Disturbo invalidante

Ho subito un intervento di artoscopia al ginocchio dx in anestesia B-Block ma poichè ho sentito dolore sono stata narcotizzata con Ipnovel. Al rientro in reparto si sono presentati sintomi strani : tremori e contrazioni muscolari generalizzate senza perdita di coscenza o lucidità (letteralmente "saltavo nel letto"), palpebre che sbattevano velocemente, difficoltà respiratoria, pressione bassa (anche 40), picchi di febbre alta, dolori e rigidità muscolare. Sono stata ricoverata in sub. Intensiva e gli esami del sague rivelavano CK con alti valori. I medici non riuscivano a fermarmi e dissero che stavo rischiando molto. La diagnosi è stata ansia e dopo un EEG nella norma mi hanno insistemente trasferito nel reparto psichiatrico di un altro ospedale. Quì mi hanno imbottito di piscofarmaci e sono iniziate anche crisi di apnee repsiratorie che non avevo mai avuto prima.
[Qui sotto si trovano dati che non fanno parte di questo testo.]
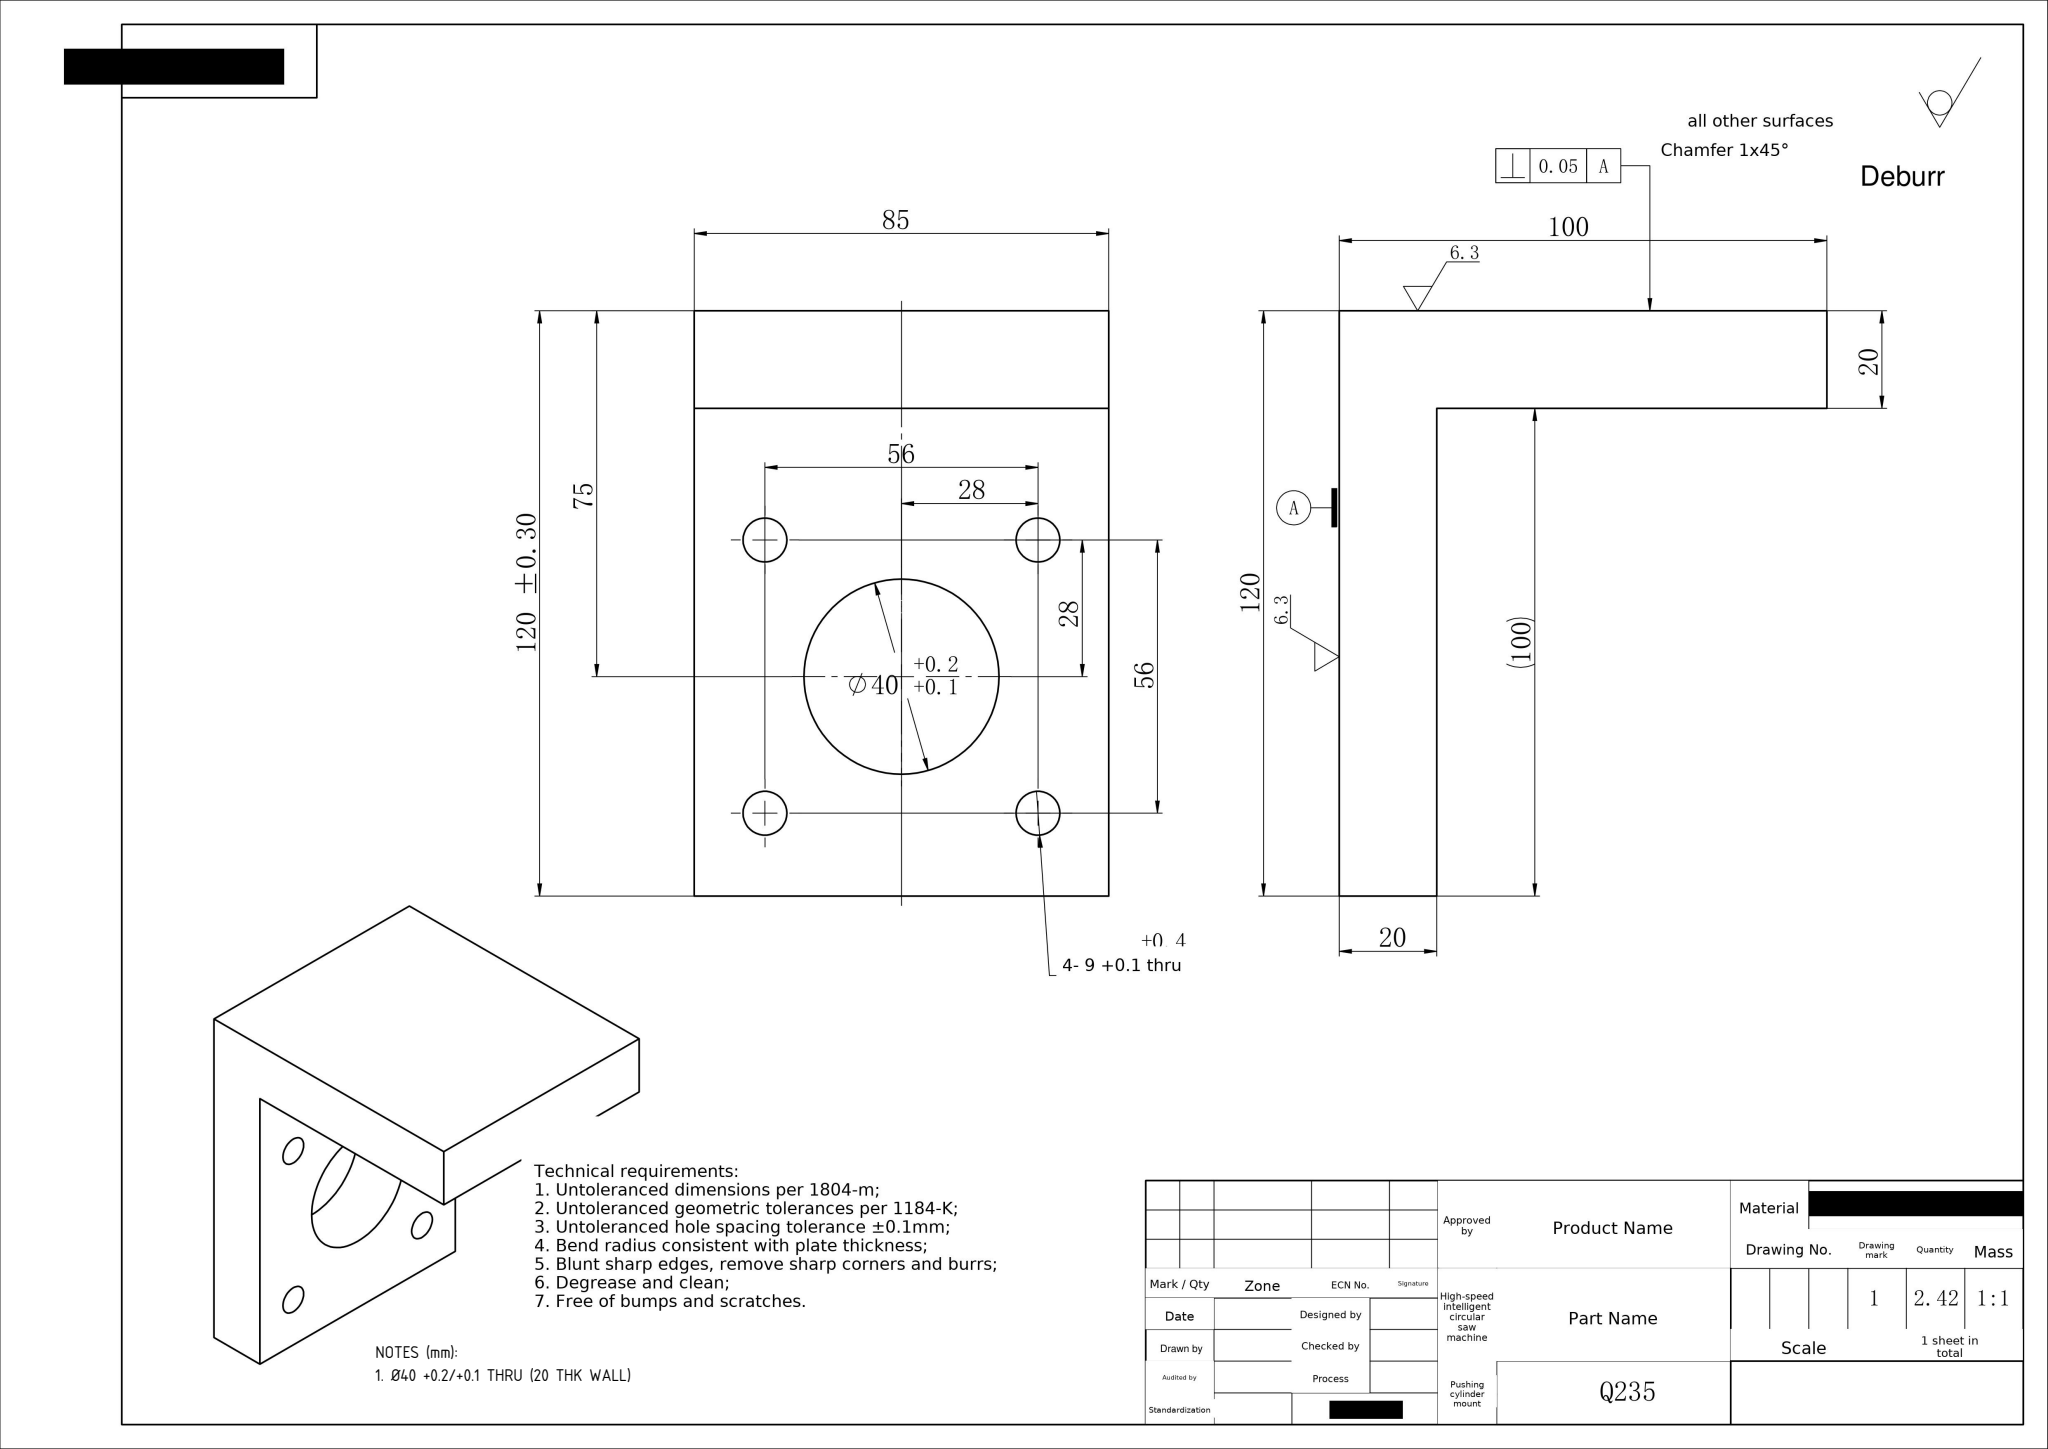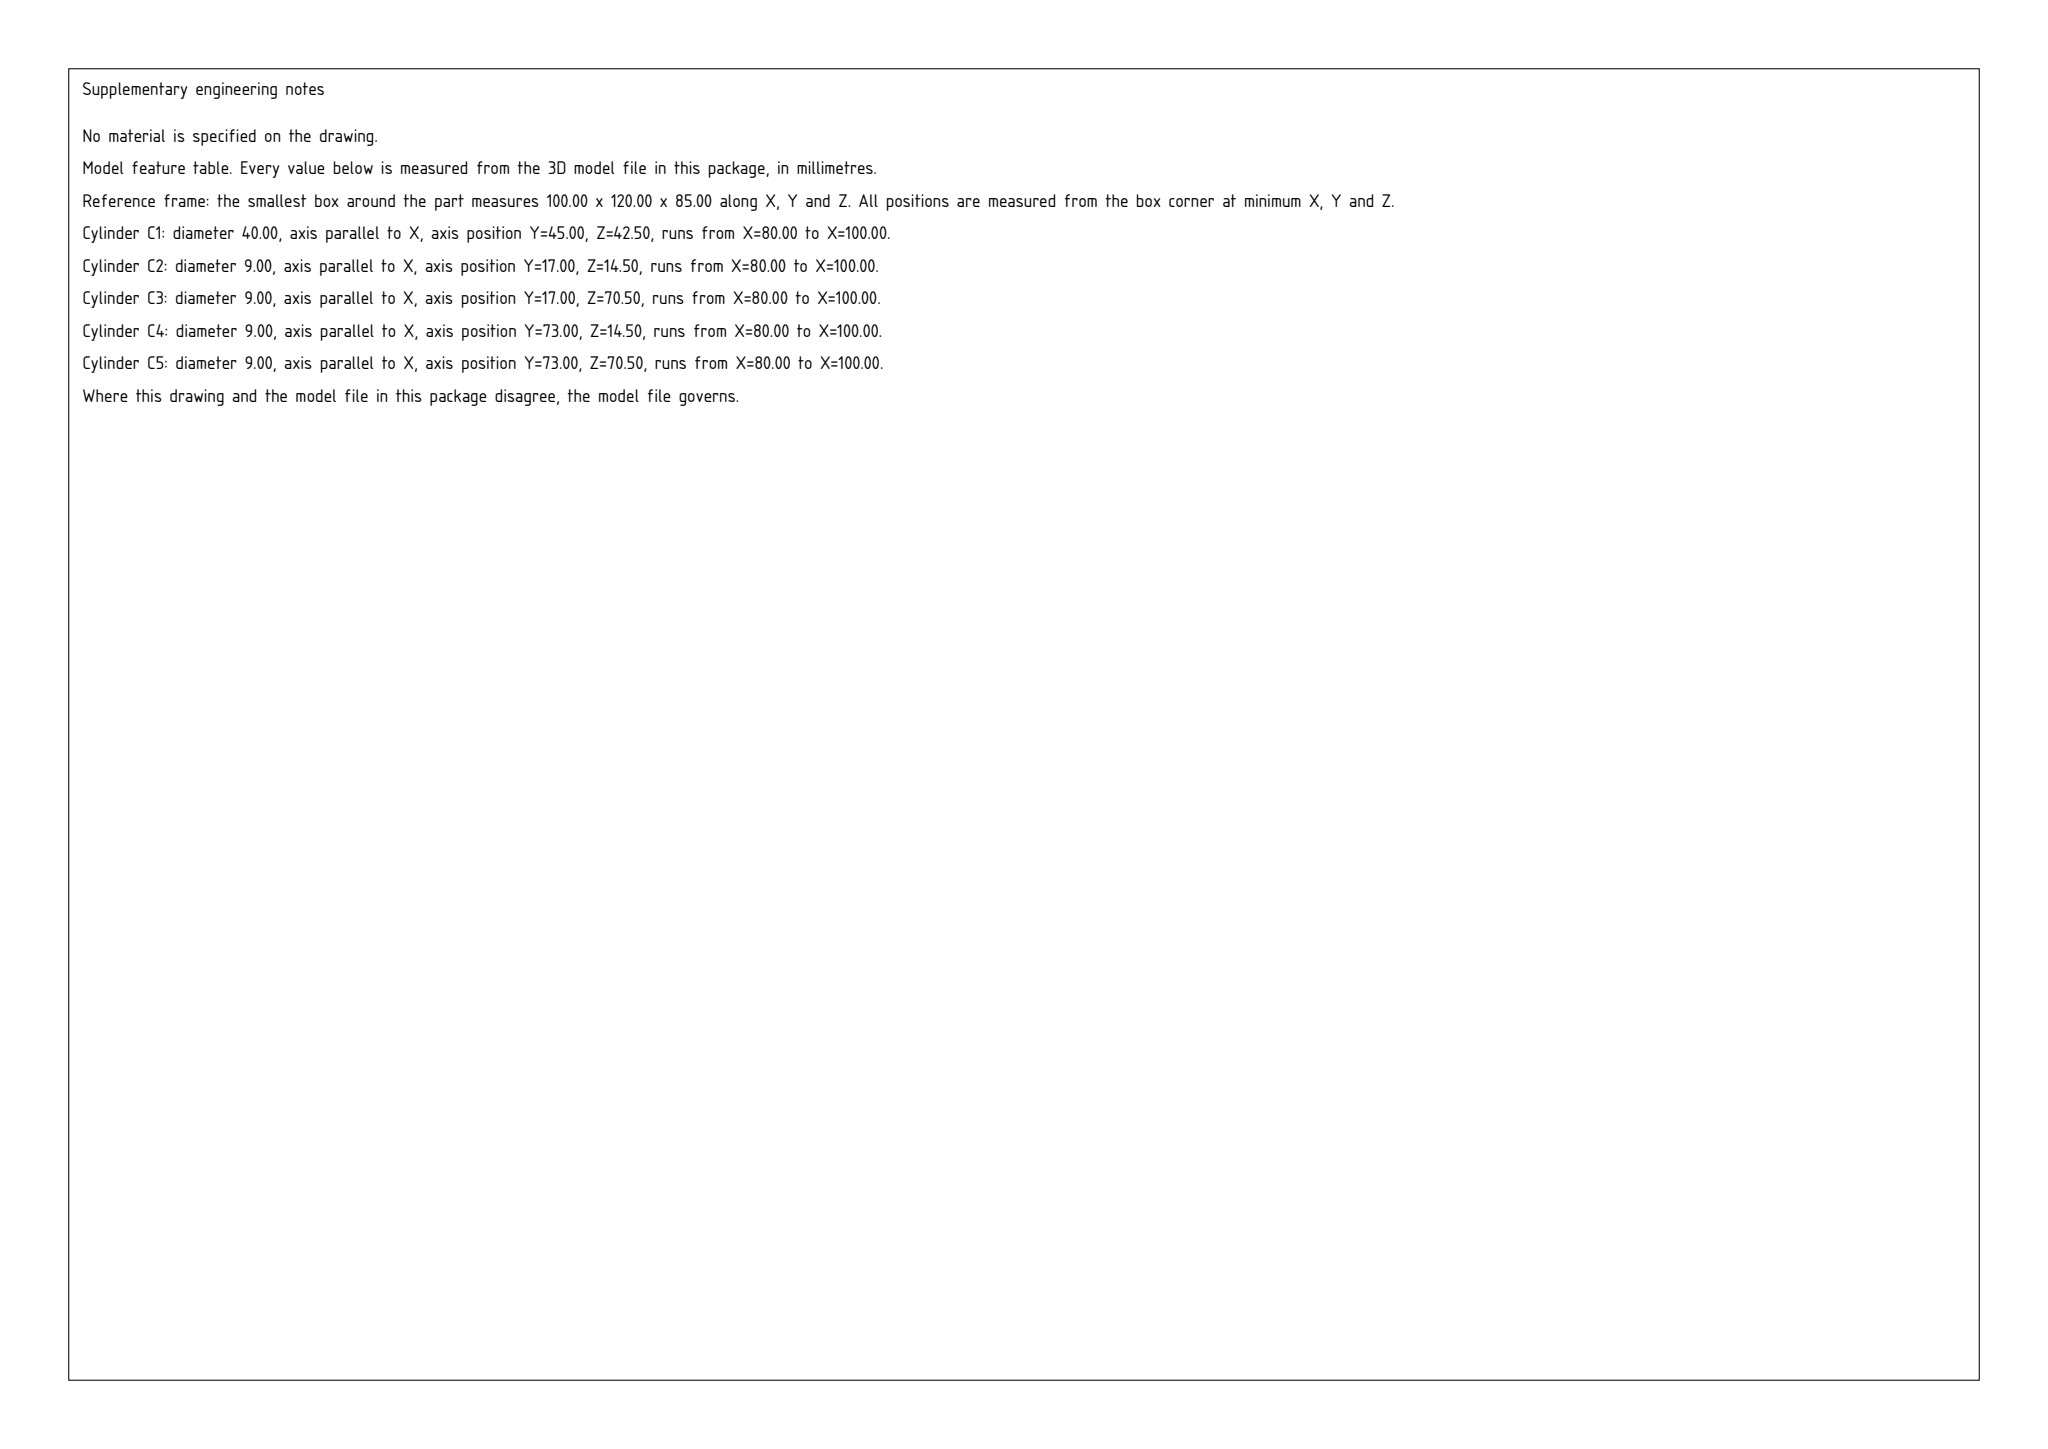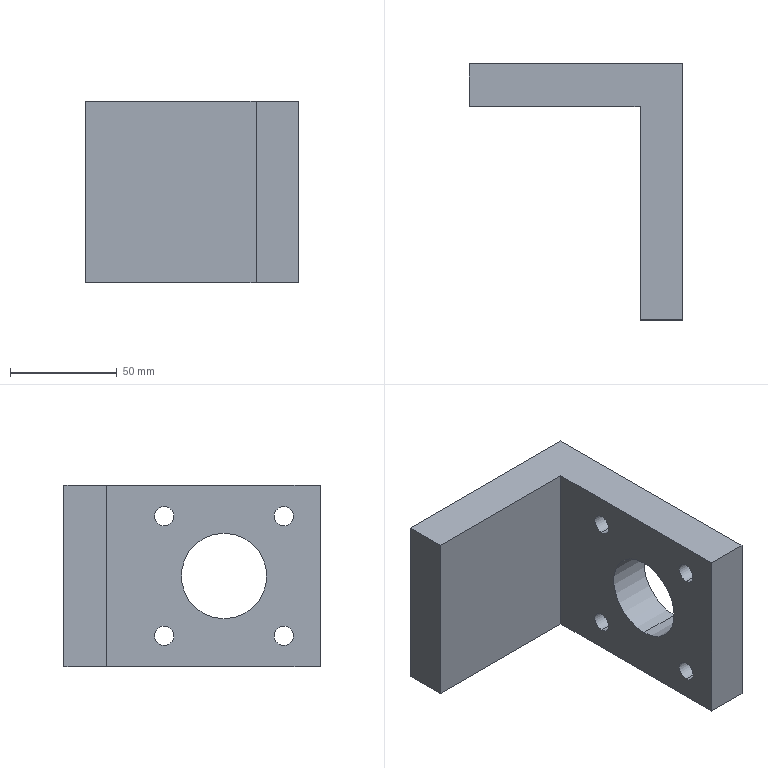Part | SolidWorks | mm | 1 solid | 18 faces | box 100 x 120 x 85 mm | volume 309778 mm3 | cylinder 10 | plane 8 | commonest cylinder face diameters 9 x8 40 x2
Drawing notes:
Ø40 +0.2/+0.1 THRU (20 THK WALL) | from the solid: 40 dia cyl, axis x, length 20.0 = wall thk (x-planes 80.0 to 100.0)
build123d program:
from build123d import *

# Parameters (mm, degrees)
BOSS_EXTRUDE1_DEPTH = 85
SKETCH2_R           = 20
SKETCH2_R_2         = 4.5
CUT_EXTRUDE1_DEPTH  = 178.834


with BuildPart() as part:
    # Sketch1 → Boss-Extrude1 (new body)
    with BuildSketch(Plane.XY):
        Polygon((0, 0), (0, 120), (-100, 120), (-100, 100), (-20, 100), (-20, 0), align=None)
    extrude(amount=BOSS_EXTRUDE1_DEPTH)

    # Sketch2 → Cut-Extrude1 (cut, through all)
    with BuildSketch(Plane(origin=(0, 0, 0), x_dir=(0, 0, -1), z_dir=(1, 0, 0))):
        with Locations((-42.5, 45)):
            Circle(SKETCH2_R)
        with Locations((-70.5, 73)):
            Circle(SKETCH2_R_2)
        with Locations((-14.5, 73)):
            Circle(SKETCH2_R_2)
        with Locations((-14.5, 17)):
            Circle(SKETCH2_R_2)
        with Locations((-70.5, 17)):
            Circle(SKETCH2_R_2)
    extrude(amount=-CUT_EXTRUDE1_DEPTH, mode=Mode.SUBTRACT)


solid = part.part
STEP:
#1=CARTESIAN_POINT('',(-20.,17.,75.));
#2=VERTEX_POINT('',#1);
#3=CARTESIAN_POINT('',(-20.,17.,66.));
#4=VERTEX_POINT('',#3);
#5=CARTESIAN_POINT('',(-20.,17.,70.5));
#6=DIRECTION('',(1.,0.,0.));
#7=DIRECTION('',(0.,0.,-1.));
#8=AXIS2_PLACEMENT_3D('',#5,#6,#7);
#9=CIRCLE('',#8,4.5);
#10=EDGE_CURVE('',#2,#4,#9,.T.);
#11=ORIENTED_EDGE('',*,*,#10,.F.);
#12=CARTESIAN_POINT('',(0.,17.,75.));
#13=VERTEX_POINT('',#12);
#14=CARTESIAN_POINT('',(-100.,17.,75.));
#15=DIRECTION('',(1.,0.,0.));
#16=VECTOR('',#15,1000.);
#17=LINE('',#14,#16);
#18=EDGE_CURVE('',#2,#13,#17,.T.);
#19=ORIENTED_EDGE('',*,*,#18,.T.);
#20=CARTESIAN_POINT('',(0.,17.,66.));
#21=VERTEX_POINT('',#20);
#22=CARTESIAN_POINT('',(0.,17.,70.5));
#23=DIRECTION('',(1.,0.,0.));
#24=DIRECTION('',(0.,0.,1.));
#25=AXIS2_PLACEMENT_3D('',#22,#23,#24);
#26=CIRCLE('',#25,4.5);
#27=EDGE_CURVE('',#13,#21,#26,.T.);
#28=ORIENTED_EDGE('',*,*,#27,.T.);
#29=CARTESIAN_POINT('',(-100.,17.,66.));
#30=DIRECTION('',(1.,0.,0.));
#31=VECTOR('',#30,1000.);
#32=LINE('',#29,#31);
#33=EDGE_CURVE('',#4,#21,#32,.T.);
#34=ORIENTED_EDGE('',*,*,#33,.F.);
#35=EDGE_LOOP('',(#11,#19,#28,#34));
#36=FACE_OUTER_BOUND('',#35,.T.);
#37=CARTESIAN_POINT('',(-100.,17.,70.5));
#38=DIRECTION('',(1.,0.,0.));
#39=DIRECTION('',(0.,0.,-1.));
#40=AXIS2_PLACEMENT_3D('',#37,#38,#39);
#41=CYLINDRICAL_SURFACE('',#40,4.5);
#42=ADVANCED_FACE('',(#36),#41,.F.);
#43=CARTESIAN_POINT('',(-20.,17.,19.));
#44=VERTEX_POINT('',#43);
#45=CARTESIAN_POINT('',(-20.,17.,10.));
#46=VERTEX_POINT('',#45);
#47=CARTESIAN_POINT('',(-20.,17.,14.5));
#48=DIRECTION('',(1.,0.,0.));
#49=DIRECTION('',(0.,0.,-1.));
#50=AXIS2_PLACEMENT_3D('',#47,#48,#49);
#51=CIRCLE('',#50,4.5);
#52=EDGE_CURVE('',#44,#46,#51,.T.);
#53=ORIENTED_EDGE('',*,*,#52,.F.);
#54=CARTESIAN_POINT('',(0.,17.,19.));
#55=VERTEX_POINT('',#54);
#56=CARTESIAN_POINT('',(-100.,17.,19.));
#57=DIRECTION('',(1.,0.,0.));
#58=VECTOR('',#57,1000.);
#59=LINE('',#56,#58);
#60=EDGE_CURVE('',#44,#55,#59,.T.);
#61=ORIENTED_EDGE('',*,*,#60,.T.);
#62=CARTESIAN_POINT('',(0.,17.,10.));
#63=VERTEX_POINT('',#62);
#64=CARTESIAN_POINT('',(0.,17.,14.5));
#65=DIRECTION('',(1.,0.,0.));
#66=DIRECTION('',(0.,0.,-1.));
#67=AXIS2_PLACEMENT_3D('',#64,#65,#66);
#68=CIRCLE('',#67,4.5);
#69=EDGE_CURVE('',#55,#63,#68,.T.);
#70=ORIENTED_EDGE('',*,*,#69,.T.);
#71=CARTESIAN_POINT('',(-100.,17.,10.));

I tremori, le contrazioni e la rigidità mi impedivano qualsiasi movimento così i neurologhi insicuri della diagnosi mi hanno fatto tac cranio, test tetania latente ed EMG risultati nella norma. Piano piano ho iniziato a migliorare e sono stata trasferita in altro ospedale e poi dimessa con terapia. Arrivata a casa sotto consiglio del mio medico ho graduatamente smesso la terapia. Sono passati 3 mesi dall'intervento e sono ancora seduta sulla sedia a rotelle. La situazione si è stabilizzata così:se faccio per muovere le gambe ecco che ripartono senza il mio controllo poi piano piano si rifermano e rivia così al minimo movimento. Non riesco a stare in piedi e camminare o semplicemente spostare le gambe. Lei crede che si possa trattare di ansia? Dovrei fare altri accertamenti? Cosa può essere successo? Io non so davvero a chi rivolgermi nessun dottore fino ad ora mi ha detto cosa fare per guarire. La ringrazio e attendo la sua ripsosta.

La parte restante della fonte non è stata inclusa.